# Anyone have a 2002-2005 Ram 1500 leveling kit Installed?



## BUCK50 (Sep 8, 2007)

I just picked up a 05 Ram 1500 Quad cab and would like to put a leveling kit on it. I have been all over and heard good and bad about it. 

I was wondering if any of you have one installed or know someone who does and if so. What is your recomendation?

Thanks,
BUCK50


----------



## trouthunter1 (Sep 12, 2007)

I don't know how much different a 2001 2500 quad cab is, I just had mine done and I love it. I had it done at Jack-it in WVC. they did the leveling kit, shocks and alignment. It drives great and rides a little better. I went with the skyjacker shocks. Good luck!


----------



## chet (Sep 7, 2007)

you 01 has a solid axle with coils, his 1/2 ton has torsion bars and cv's.
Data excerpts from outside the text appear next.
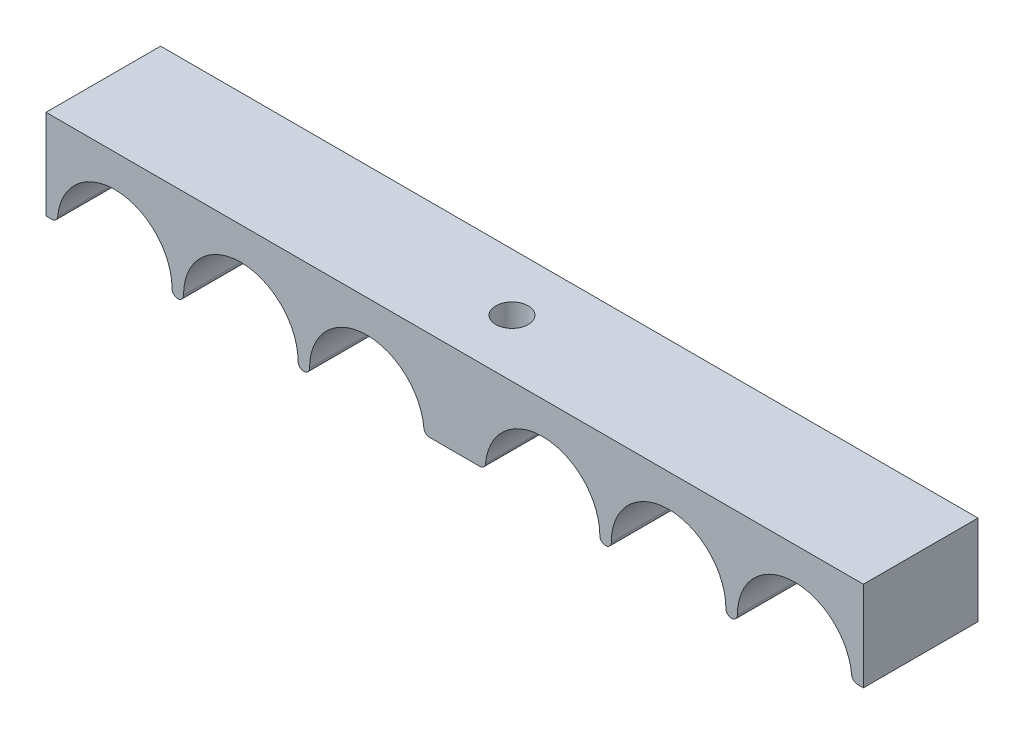
from build123d import *

# Parameters (mm, degrees)
BOSS_EXTRUDE1_DEPTH = 30
M10_TAPPED_HOLE1_D  = 8.5


with BuildPart() as part:
    # Sketch1 → Boss-Extrude1 (new body)
    with BuildSketch(Plane.XY):
        with BuildLine():
            Line((-107, 0), (-107, 23.5))
            Line((-107, 23.5), (107, 23.5))
            Line((107, 23.5), (107, 0))
            Line((107, 0), (105.431676725, 0))
            ThreePointArc((105.431676725, 0), (104.420376931, 0.392176581), (103.937887932, 1.363636364))
            ThreePointArc((103.937887932, 1.363636364), (88.317474901, 14.984463937), (74, 0))
            ThreePointArc((74, 0), (72.5, -1.5), (71, 0))
            ThreePointArc((71, 0), (56, 15), (41, 0))
            ThreePointArc((41, 0), (39.5, -1.5), (38, 0))
            ThreePointArc((38, 0), (23.682525099, 14.984463937), (8.062112068, 1.363636364))
            ThreePointArc((8.062112068, 1.363636364), (7.579623069, 0.392176581), (6.568323275, 0))
            Line((6.568323275, 0), (-6.568323275, 0))
            ThreePointArc((-6.568323275, 0), (-7.579623069, 0.392176581), (-8.062112068, 1.363636364))
            ThreePointArc((-8.062112068, 1.363636364), (-23.682525099, 14.984463937), (-38, 0))
            ThreePointArc((-38, 0), (-39.5, -1.5), (-41, 0))
            ThreePointArc((-41, 0), (-56, 15), (-71, 0))
            ThreePointArc((-71, 0), (-72.5, -1.5), (-74, 0))
            ThreePointArc((-74, 0), (-88.317474901, 14.984463937), (-103.937887932, 1.363636364))
            ThreePointArc((-103.937887932, 1.363636364), (-104.420376931, 0.392176581), (-105.431676725, 0))
            Line((-105.431676725, 0), (-107, 0))
        make_face()
    extrude(amount=BOSS_EXTRUDE1_DEPTH)

    # M10 Tapped Hole1 (through all)
    with Locations(Plane(origin=(0, 23.5, 0), x_dir=(-1, 0, 0), z_dir=(0, 1, 0))):
        with Locations((0, 15)):
            Hole(M10_TAPPED_HOLE1_D / 2)


solid = part.part

BIG DIFFERENCE

I wouldnt recommend leveling a torsion bar system
You could "crank up" your bars about one inch and totally destroy the ride quality.
To do it right you need to use a drop crossmember to retain factory spring rate and the shortest one I know of is Rancho's 4", so you'd have to lift the rear also to keep it level, but then you can run 35's!$$$$$$$$$

Call Jack-it and talk to Cleavland, He might have a better idea.


----------